1 Introduction

In the field of AI Alignment, ‘Interpretability’ is the study of understanding neural networks; what they learn from training data and how they are forming their predictions.

The first step in interpretability is typically to understand the features a neuron is learning from. There would be no mystery if neurons corresponded to verifiable input features. For example, if a neuron fires on dog tails, or on Korean poetry. Since neural networks incorporate non-linearities, this is not always the case, and we will see how small a fraction of features we are able to extract in relation to the number of neurons in a network. This phenonemon is known as ‘superposition’¹.

Let’s consider the canonical MNIST machine learning example. MNIST is a dataset of 60,000 training images of handwritten digits, 0-9 (10 classes). Each image is 28x28 pixels, so 784 pixels in total.

In the most interpretable scenario, each neuron in a neural network would correspond to a specific feature of the input, for example:

loops (for 0, 6, 8, 9 etc)
straight lines (1, 4, 7)
curves (2, 3, 5)

In the image below, we see the original handwritten digits, and a heatmap showing the regions of the digits that had high predictive value. Notice for example how the criss-cross of the eight, which is unique to the digit, is highlighted with blue (strong correlation), and similarly, the curve of the five.
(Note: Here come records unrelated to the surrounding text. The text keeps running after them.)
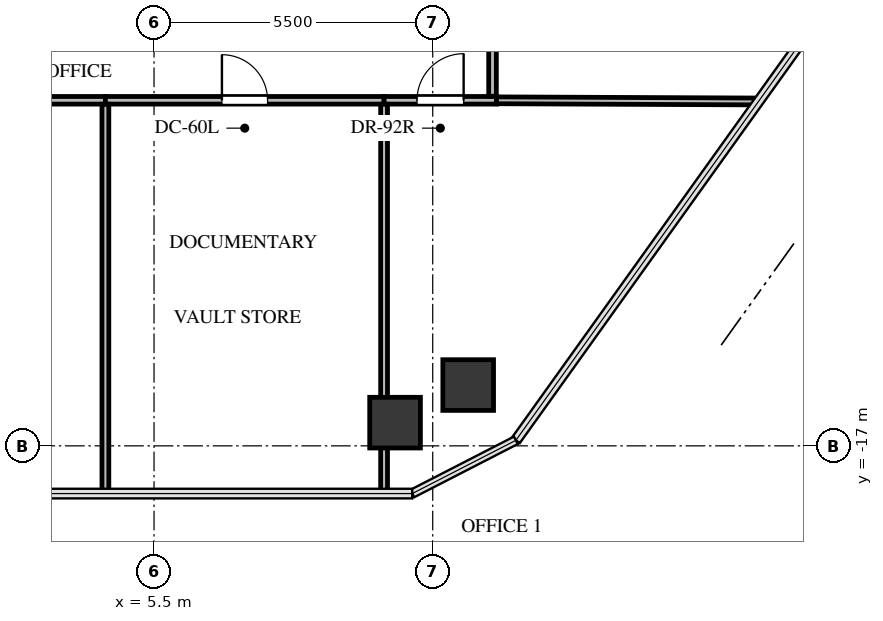
"""IFC4 building model, lengths in metres.
Left out: names, types, materials, properties, quantities, classifications, styles, units other than length and angle.
Written with IfcOpenShell. Run it as: python <this file> out.ifc"""

import sys

from ifc_helpers import new_model, si_unit, direction, frame, frame_2d, origin, origin_2d, place, context, subcontext, project, spatial, rectangle, extrude, source, transform, mapped, element, fill, save


model = new_model("IFC4")
c1 = context("Model", 3, precision=1e-05, world=origin(), true_north=direction((0.0, 1.0)))
c2 = subcontext(c1, "Body", "Model", "MODEL_VIEW")
j1 = project(units=[si_unit("LENGTHUNIT", "METRE"), si_unit("PLANEANGLEUNIT", "RADIAN")], contexts=[c1])
p1 = place(None, origin())
s1 = spatial("IfcSite", under=j1, at=p1, CompositionType="ELEMENT")
p2 = place(p1, origin())
s2 = spatial("IfcBuilding", under=s1, at=p2, CompositionType="ELEMENT")
p3 = place(p2, frame((0.0, 0.0, 173.8)))
s3 = spatial("IfcBuildingStorey", under=s2, at=p3, CompositionType="ELEMENT", Elevation=173.8)
m1 = source(origin(), c2, "Body", "SweptSolid", [
    extrude(rectangle(XDim=1.0, YDim=1.0, at=origin_2d()), origin(), (0.0, 0.0, 1.0), 3.3),
])
for number, where, z_axis, x_axis in (
    (1, (11.7, -15.8, -0.24), (0.0, 0.0, 1.0), (1.0, 0.0, 0.0)),
    (2, (10.257, -16.542, -0.24), (0.0, 0.0, 1.0), (1.0, 0.0, 0.0)),
):
    element("IfcColumn", number, at=place(p3, frame(where, z_axis=z_axis, x_axis=x_axis)), inside=s3, PredefinedType="COLUMN", context=c2, shape_type="MappedRepresentation", body=[
        mapped(m1, transform((0.0, 0.0, 0.0), x_axis=(1.0, 0.0, 0.0), y_axis=(0.0, 1.0, 0.0), z_axis=(0.0, 0.0, 1.0), scale=1.0)),
    ])
p4 = place(p3, frame((1.089, -10.18, 0.0), z_axis=(0.0, 0.0, 1.0), x_axis=(1.0, 0.0, 0.0)))
e3 = element("IfcWall", 3, at=p4, inside=s3, PredefinedType="PARTITIONING", context=c2, shape_type="SweptSolid", body=[
    extrude(rectangle(XDim=3.451, YDim=0.15, at=frame_2d((1.726, 0.0))), origin(), (0.0, 0.0, 1.0), 2.242),
])
p5 = place(p3, frame((4.54, -10.18, 0.0), z_axis=(0.0, 0.0, 1.0), x_axis=(1.0, 0.0, 0.0)))
e4 = element("IfcWall", 4, at=p5, inside=s3, PredefinedType="PARTITIONING", context=c2, shape_type="SweptSolid", body=[
    extrude(rectangle(XDim=5.5, YDim=0.15, at=frame_2d((2.75, 0.0))), origin(), (0.0, 0.0, 1.0), 2.242),
])
p6 = place(p5, frame((2.3, 0.0, 0.0)))
e5 = element("IfcOpeningElement", 5, at=p6, cuts=e4, PredefinedType="OPENING", context=c2, shape_type="SweptSolid", body=[
    extrude(rectangle(XDim=0.9, YDim=2.05, at=frame_2d((0.45, 1.025))), frame((0.0, 0.085, 0.0), z_axis=(0.0, -1.0, 0.0), x_axis=(1.0, 0.0, 0.0)), (0.0, 0.0, 1.0), 0.17),
])
p7 = place(p3, frame((10.04, -10.18, 0.0), z_axis=(0.0, 0.0, 1.0), x_axis=(1.0, 0.0, 0.0)))
e6 = element("IfcWall", 6, at=p7, inside=s3, PredefinedType="PARTITIONING", context=c2, shape_type="SweptSolid", body=[
    extrude(rectangle(XDim=2.22, YDim=0.15, at=frame_2d((1.11, 0.0))), origin(), (0.0, 0.0, 1.0), 3.045),
])
p8 = place(p7, frame((0.65, 0.0, 0.0)))
e7 = element("IfcOpeningElement", 7, at=p8, cuts=e6, PredefinedType="OPENING", context=c2, shape_type="SweptSolid", body=[
    extrude(rectangle(XDim=0.92, YDim=2.1, at=frame_2d((0.46, 1.05))), frame((0.0, 0.085, 0.0), z_axis=(0.0, -1.0, 0.0), x_axis=(1.0, 0.0, 0.0)), (0.0, 0.0, 1.0), 0.17),
])
p9 = place(p3, frame((12.18, -10.101, 0.0), z_axis=(0.0, 0.0, 1.0), x_axis=(0.0, 1.0, 0.0)))
e8 = element("IfcWall", 8, at=p9, inside=s3, PredefinedType="PARTITIONING", context=c2, shape_type="SweptSolid", body=[
    extrude(rectangle(XDim=1.661, YDim=0.15, at=frame_2d((0.831, 0.0))), origin(), (0.0, 0.0, 1.0), 3.045),
])
p10 = place(p3, frame((4.54, -10.259, 0.0), z_axis=(0.0, 0.0, 1.0), x_axis=(0.0, -1.0, 0.0)))
e9 = element("IfcWall", 9, at=p10, inside=s3, PredefinedType="PARTITIONING", context=c2, shape_type="SweptSolid", body=[
    extrude(rectangle(XDim=7.683, YDim=0.135, at=frame_2d((3.841, 0.0))), origin(), (0.0, 0.0, 1.0), 2.399),
])
p11 = place(p3, frame((10.04, -10.259, 0.0), z_axis=(0.0, 0.0, 1.0), x_axis=(0.0, -1.0, 0.0)))
e10 = element("IfcWall", 10, at=p11, inside=s3, PredefinedType="PARTITIONING", context=c2, shape_type="SweptSolid", body=[
    extrude(rectangle(XDim=6.367, YDim=0.135, at=frame_2d((3.184, 0.0))), origin(), (0.0, 0.0, 1.0), 2.242),
])
p12 = place(p3, frame((10.04, -16.626, 0.0), z_axis=(0.0, 0.0, 1.0), x_axis=(0.0, -1.0, 0.0)))
e11 = element("IfcWall", 11, at=p12, inside=s3, PredefinedType="PARTITIONING", context=c2, shape_type="SweptSolid", body=[
    extrude(rectangle(XDim=1.316, YDim=0.135, at=frame_2d((0.658, 0.0))), origin(), (0.0, 0.0, 1.0), 1.877),
])
p13 = place(p3, frame((12.26, -10.18, 0.0), z_axis=(0.0, 0.0, 1.0), x_axis=(0.999990144117, -0.004439782427, 0.0)))
e12 = element("IfcWall", 12, at=p13, inside=s3, PredefinedType="PARTITIONING", context=c2, shape_type="SweptSolid", body=[
    extrude(rectangle(XDim=5.169, YDim=0.135, at=frame_2d((2.584, 0.0))), origin(), (0.0, 0.0, 1.0), 2.399),
])
m2 = source(origin(), c2, "Body", "SweptSolid", [
    extrude(rectangle(XDim=0.9, YDim=2.05, at=frame_2d((0.45, 1.025))), frame((0.0, 0.025, 0.0), z_axis=(0.0, -1.0, 0.0), x_axis=(1.0, 0.0, 0.0)), (0.0, 0.0, 1.0), 0.05),
])
p14 = place(p6, origin())
e13 = element("IfcDoor", 13, at=p14, inside=s3, OperationType="SINGLE_SWING_LEFT", PredefinedType="DOOR", context=c2, shape_type="MappedRepresentation", body=[
    mapped(m2, transform((0.0, 0.0, 0.0), x_axis=(1.0, 0.0, 0.0), y_axis=(0.0, 1.0, 0.0), z_axis=(0.0, 0.0, 1.0), scale=1.0)),
])
fill(e5, e13)
m3 = source(origin(), c2, "Body", "SweptSolid", [
    extrude(rectangle(XDim=0.92, YDim=2.1, at=frame_2d((0.46, 1.05))), frame((0.0, 0.025, 0.0), z_axis=(0.0, -1.0, 0.0), x_axis=(1.0, 0.0, 0.0)), (0.0, 0.0, 1.0), 0.05),
])
p15 = place(p8, origin())
e14 = element("IfcDoor", 14, at=p15, inside=s3, OperationType="SINGLE_SWING_RIGHT", PredefinedType="DOOR", context=c2, shape_type="MappedRepresentation", body=[
    mapped(m3, transform((0.0, 0.0, 0.0), x_axis=(1.0, 0.0, 0.0), y_axis=(0.0, 1.0, 0.0), z_axis=(0.0, 0.0, 1.0), scale=1.0)),
])
fill(e7, e14)
save(model, sys.argv[1])
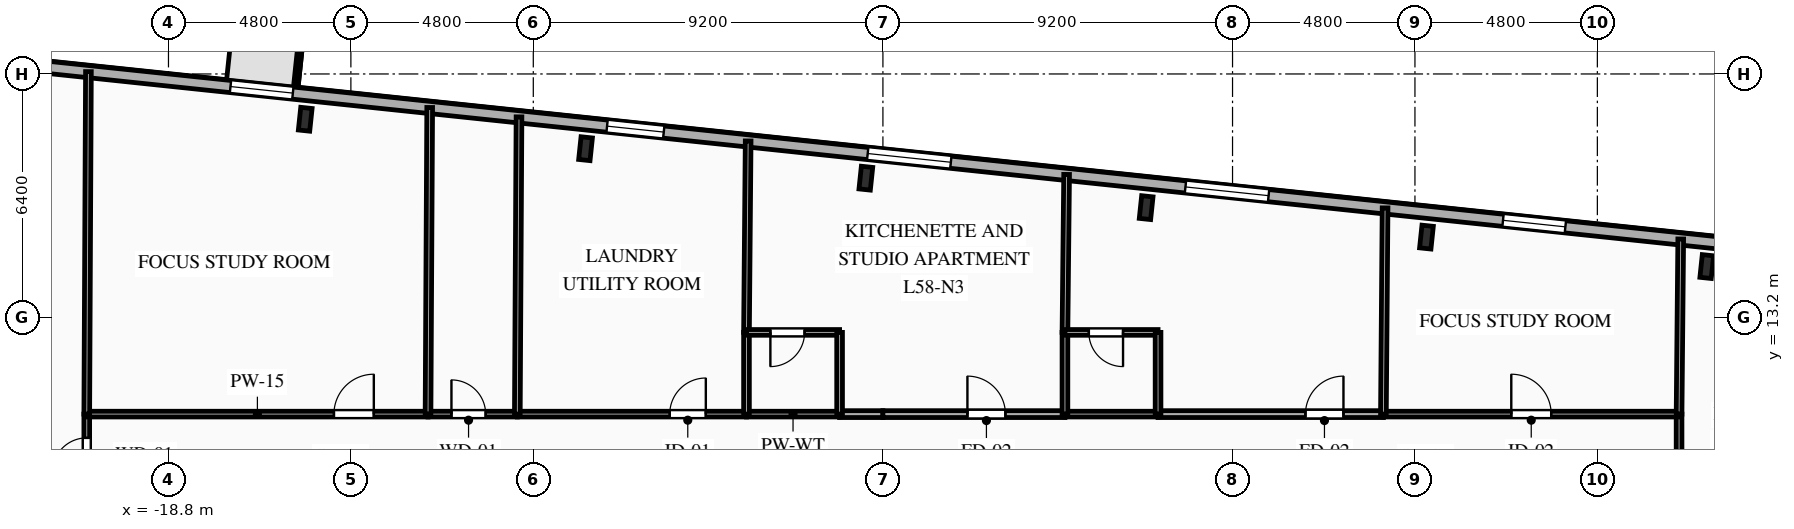
"""IFC4 building model, lengths in metres.
Left out: names, types, materials, properties, quantities, classifications, styles, units other than length and angle.
Written with IfcOpenShell. Run it as: python <this file> out.ifc"""

import sys

from ifc_helpers import new_model, si_unit, direction, frame, frame_2d, origin, origin_2d, place, context, subcontext, project, spatial, rectangle, i_section, extrude, element, fill, save


model = new_model("IFC4")
c1 = context("Model", 3, precision=1e-05, world=origin(), true_north=direction((0.0, 1.0)))
c2 = subcontext(c1, "Body", "Model", "MODEL_VIEW")
j1 = project(units=[si_unit("LENGTHUNIT", "METRE"), si_unit("PLANEANGLEUNIT", "RADIAN")], contexts=[c1])
p1 = place(None, origin())
s1 = spatial("IfcSite", under=j1, at=p1, CompositionType="ELEMENT")
p2 = place(p1, origin())
s2 = spatial("IfcBuilding", under=s1, at=p2, CompositionType="ELEMENT")
p3 = place(p2, frame((0.0, 0.0, 206.45)))
s3 = spatial("IfcBuildingStorey", under=s2, at=p3, CompositionType="ELEMENT", Elevation=206.45)
for number, where, z_axis, x_axis in (
    (1, (21.679, 14.532, 0.0), (0.0, 0.0, 1.0), (0.995, -0.105, 0.0)),
    (2, (14.303, 15.308, 0.0), (0.0, 0.0, 1.0), (0.995, -0.105, 0.0)),
    (3, (6.927, 16.083, 0.0), (0.0, 0.0, 1.0), (0.995, -0.105, 0.0)),
    (4, (-0.449, 16.858, 0.0), (0.0, 0.0, 1.0), (0.995, -0.105, 0.0)),
    (5, (-7.825, 17.634, 0.0), (0.0, 0.0, 1.0), (0.995, -0.105, 0.0)),
    (6, (-15.201, 18.409, 0.0), (0.0, 0.0, 1.0), (0.995, -0.105, 0.0)),
):
    element("IfcColumn", number, at=place(p3, frame(where, z_axis=z_axis, x_axis=x_axis)), inside=s3, PredefinedType="COLUMN", context=c2, shape_type="SweptSolid", body=[
        extrude(i_section(OverallWidth=0.3, OverallDepth=0.6, WebThickness=0.015, FlangeThickness=0.03, FilletRadius=0.027, at=origin_2d()), origin(), (0.0, 0.0, 1.0), 3.35),
    ])
p4 = place(p3, frame((-23.156, 19.898, 0.0), z_axis=(0.0, 0.0, 1.0), x_axis=(0.994522001802, -0.104527450613, 0.0)))
e7 = element("IfcWall", 7, at=p4, inside=s3, PredefinedType="SOLIDWALL", context=c2, shape_type="SweptSolid", body=[
    extrude(rectangle(XDim=45.8, YDim=0.32, at=frame_2d((22.9, 0.0))), origin(), (0.0, 0.0, 1.0), 3.04),
])
p5 = place(p4, frame((6.021, 0.0, 0.85)))
e8 = element("IfcOpeningElement", 8, at=p5, cuts=e7, PredefinedType="OPENING", context=c2, shape_type="SweptSolid", body=[
    extrude(rectangle(XDim=1.65, YDim=1.85, at=frame_2d((0.825, 0.925))), frame((0.0, 0.17, 0.0), z_axis=(0.0, -1.0, 0.0), x_axis=(1.0, 0.0, 0.0)), (0.0, 0.0, 1.0), 0.34),
])
p6 = place(p4, frame((15.985, 0.0, 0.85)))
e9 = element("IfcOpeningElement", 9, at=p6, cuts=e7, PredefinedType="OPENING", context=c2, shape_type="SweptSolid", body=[
    extrude(rectangle(XDim=1.5, YDim=1.85, at=frame_2d((0.75, 0.925))), frame((0.0, 0.17, 0.0), z_axis=(0.0, -1.0, 0.0), x_axis=(1.0, 0.0, 0.0)), (0.0, 0.0, 1.0), 0.34),
])
p7 = place(p4, frame((22.881, 0.0, 0.85)))
e10 = element("IfcOpeningElement", 10, at=p7, cuts=e7, PredefinedType="OPENING", context=c2, shape_type="SweptSolid", body=[
    extrude(rectangle(XDim=2.2, YDim=1.85, at=frame_2d((1.1, 0.925))), frame((0.0, 0.17, 0.0), z_axis=(0.0, -1.0, 0.0), x_axis=(1.0, 0.0, 0.0)), (0.0, 0.0, 1.0), 0.34),
])
p8 = place(p4, frame((31.288, 0.0, 0.85)))
e11 = element("IfcOpeningElement", 11, at=p8, cuts=e7, PredefinedType="OPENING", context=c2, shape_type="SweptSolid", body=[
    extrude(rectangle(XDim=2.2, YDim=1.85, at=frame_2d((1.1, 0.925))), frame((0.0, 0.17, 0.0), z_axis=(0.0, -1.0, 0.0), x_axis=(1.0, 0.0, 0.0)), (0.0, 0.0, 1.0), 0.34),
])
p9 = place(p4, frame((39.69, 0.0, 0.85)))
e12 = element("IfcOpeningElement", 12, at=p9, cuts=e7, PredefinedType="OPENING", context=c2, shape_type="SweptSolid", body=[
    extrude(rectangle(XDim=1.65, YDim=1.85, at=frame_2d((0.825, 0.925))), frame((0.0, 0.17, 0.0), z_axis=(0.0, -1.0, 0.0), x_axis=(1.0, 0.0, 0.0)), (0.0, 0.0, 1.0), 0.34),
])
p10 = place(p3, frame((-20.95, 8.5, 0.0), z_axis=(0.0, 0.0, 1.0), x_axis=(0.0, 1.0, 0.0)))
e13 = element("IfcWall", 13, at=p10, inside=s3, PredefinedType="PARTITIONING", context=c2, shape_type="SweptSolid", body=[
    extrude(rectangle(XDim=2.15, YDim=0.15, at=frame_2d((1.075, 0.0))), origin(), (0.0, 0.0, 1.0), 3.04),
])
p11 = place(p10, frame((0.625, 0.0, 0.0)))
e14 = element("IfcOpeningElement", 14, at=p11, cuts=e13, PredefinedType="OPENING", context=c2, shape_type="SweptSolid", body=[
    extrude(rectangle(XDim=0.9, YDim=2.1, at=frame_2d((0.45, 1.05))), frame((0.0, 0.085, 0.0), z_axis=(0.0, -1.0, 0.0), x_axis=(1.0, 0.0, 0.0)), (0.0, 0.0, 1.0), 0.17),
])
p12 = place(p3, frame((-20.95, 10.65, 0.0), z_axis=(0.0, 0.0, 1.0), x_axis=(1.0, 0.0, 0.0)))
e15 = element("IfcWall", 15, at=p12, inside=s3, PredefinedType="PARTITIONING", context=c2, shape_type="SweptSolid", body=[
    extrude(rectangle(XDim=8.98, YDim=0.15, at=frame_2d((4.49, 0.0))), origin(), (0.0, 0.0, 1.0), 3.04),
])
p13 = place(p12, frame((6.504, 0.0, 0.0)))
e16 = element("IfcOpeningElement", 16, at=p13, cuts=e15, PredefinedType="OPENING", context=c2, shape_type="SweptSolid", body=[
    extrude(rectangle(XDim=1.05, YDim=2.15, at=frame_2d((0.525, 1.075))), frame((0.0, 0.085, 0.0), z_axis=(0.0, -1.0, 0.0), x_axis=(1.0, 0.0, 0.0)), (0.0, 0.0, 1.0), 0.17),
])
p14 = place(p3, frame((-11.97, 10.65, 0.0), z_axis=(0.0, 0.0, 1.0), x_axis=(1.0, 0.0, 0.0)))
e17 = element("IfcWall", 17, at=p14, inside=s3, PredefinedType="PLUMBINGWALL", context=c2, shape_type="SweptSolid", body=[
    extrude(rectangle(XDim=2.35, YDim=0.15, at=frame_2d((1.175, 0.0))), origin(), (0.0, 0.0, 1.0), 3.04),
])
p15 = place(p14, frame((0.616, 0.0, 0.0)))
e18 = element("IfcOpeningElement", 18, at=p15, cuts=e17, PredefinedType="OPENING", context=c2, shape_type="SweptSolid", body=[
    extrude(rectangle(XDim=0.9, YDim=2.1, at=frame_2d((0.45, 1.05))), frame((0.0, 0.085, 0.0), z_axis=(0.0, -1.0, 0.0), x_axis=(1.0, 0.0, 0.0)), (0.0, 0.0, 1.0), 0.17),
])
p16 = place(p3, frame((-9.62, 10.65, 0.0), z_axis=(0.0, 0.0, 1.0), x_axis=(1.0, 0.0, 0.0)))
e19 = element("IfcWall", 19, at=p16, inside=s3, PredefinedType="PARTITIONING", context=c2, shape_type="SweptSolid", body=[
    extrude(rectangle(XDim=6.03, YDim=0.15, at=frame_2d((3.015, 0.0))), origin(), (0.0, 0.0, 1.0), 3.04),
])
p17 = place(p16, frame((4.01, 0.0, 0.0)))
e20 = element("IfcOpeningElement", 20, at=p17, cuts=e19, PredefinedType="OPENING", context=c2, shape_type="SweptSolid", body=[
    extrude(rectangle(XDim=0.95, YDim=2.1, at=frame_2d((0.475, 1.05))), frame((0.0, 0.085, 0.0), z_axis=(0.0, -1.0, 0.0), x_axis=(1.0, 0.0, 0.0)), (0.0, 0.0, 1.0), 0.17),
])
p18 = place(p3, frame((-1.14, 10.65, 0.0), z_axis=(0.0, 0.0, 1.0), x_axis=(1.0, 0.0, 0.0)))
e21 = element("IfcWall", 21, at=p18, inside=s3, PredefinedType="PARTITIONING", context=c2, shape_type="SweptSolid", body=[
    extrude(rectangle(XDim=1.14, YDim=0.18, at=frame_2d((0.57, 0.0))), origin(), (0.0, 0.0, 1.0), 3.04),
])
p19 = place(p3, frame((-3.59, 10.65, 0.0), z_axis=(0.0, 0.0, 1.0), x_axis=(1.0, 0.0, 0.0)))
e22 = element("IfcWall", 22, at=p19, inside=s3, PredefinedType="PLUMBINGWALL", context=c2, shape_type="SweptSolid", body=[
    extrude(rectangle(XDim=2.45, YDim=0.15, at=frame_2d((1.225, 0.0))), origin(), (0.0, 0.0, 1.0), 3.04),
])
p20 = place(p3, frame((20.95, 10.65, 0.0), z_axis=(0.0, 0.0, 1.0), x_axis=(0.0, -1.0, 0.0)))
e23 = element("IfcWall", 23, at=p20, inside=s3, PredefinedType="PARTITIONING", context=c2, shape_type="SweptSolid", body=[
    extrude(rectangle(XDim=2.15, YDim=0.15, at=frame_2d((1.075, 0.0))), origin(), (0.0, 0.0, 1.0), 3.04),
])
p21 = place(p3, frame((0.0, 10.65, 0.0), z_axis=(0.0, 0.0, 1.0), x_axis=(1.0, 0.0, 0.0)))
e24 = element("IfcWall", 24, at=p21, inside=s3, PredefinedType="PARTITIONING", context=c2, shape_type="SweptSolid", body=[
    extrude(rectangle(XDim=4.79, YDim=0.18, at=frame_2d((2.395, 0.0))), origin(), (0.0, 0.0, 1.0), 3.04),
])
p22 = place(p21, frame((2.224, 0.0, 0.0)))
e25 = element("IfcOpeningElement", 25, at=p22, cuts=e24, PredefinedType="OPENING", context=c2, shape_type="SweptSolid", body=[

In practice, however, neural nets don’t learn clean, one-to-one mappings between neurons and features.

1.0.1 Why does superposition occur?

Efficiency: superposition enables networks to represent more complex patterns and relationships without necessarily increasing their size. Networks can adapt to allocating their capacity based on the complexity of the task.
Generalization: overlapping representations help generalize to new data.
Non-linearity: this allows for complex, overlapping representations. For example, the combination of features in different neurons, sushi in one and recipie quantities in another, can help formulate accurate predictions.

We will see in this short course that neural networks often represent more features than they have dimensions, and mix different, unrelated concepts in single neurons. For example, a neuron in a language model could fire in response to inputs as varied as code in Haskell, Spanish poetry and vehicle descriptions.

Let’s move on to the next chapter to examine this fascinating field and look closely at what we can see neural networks are doing, and what we yet cannot.

The phenomenon is also know as ‘polysemanticicy’. We will use the term ‘superposition’ in this course.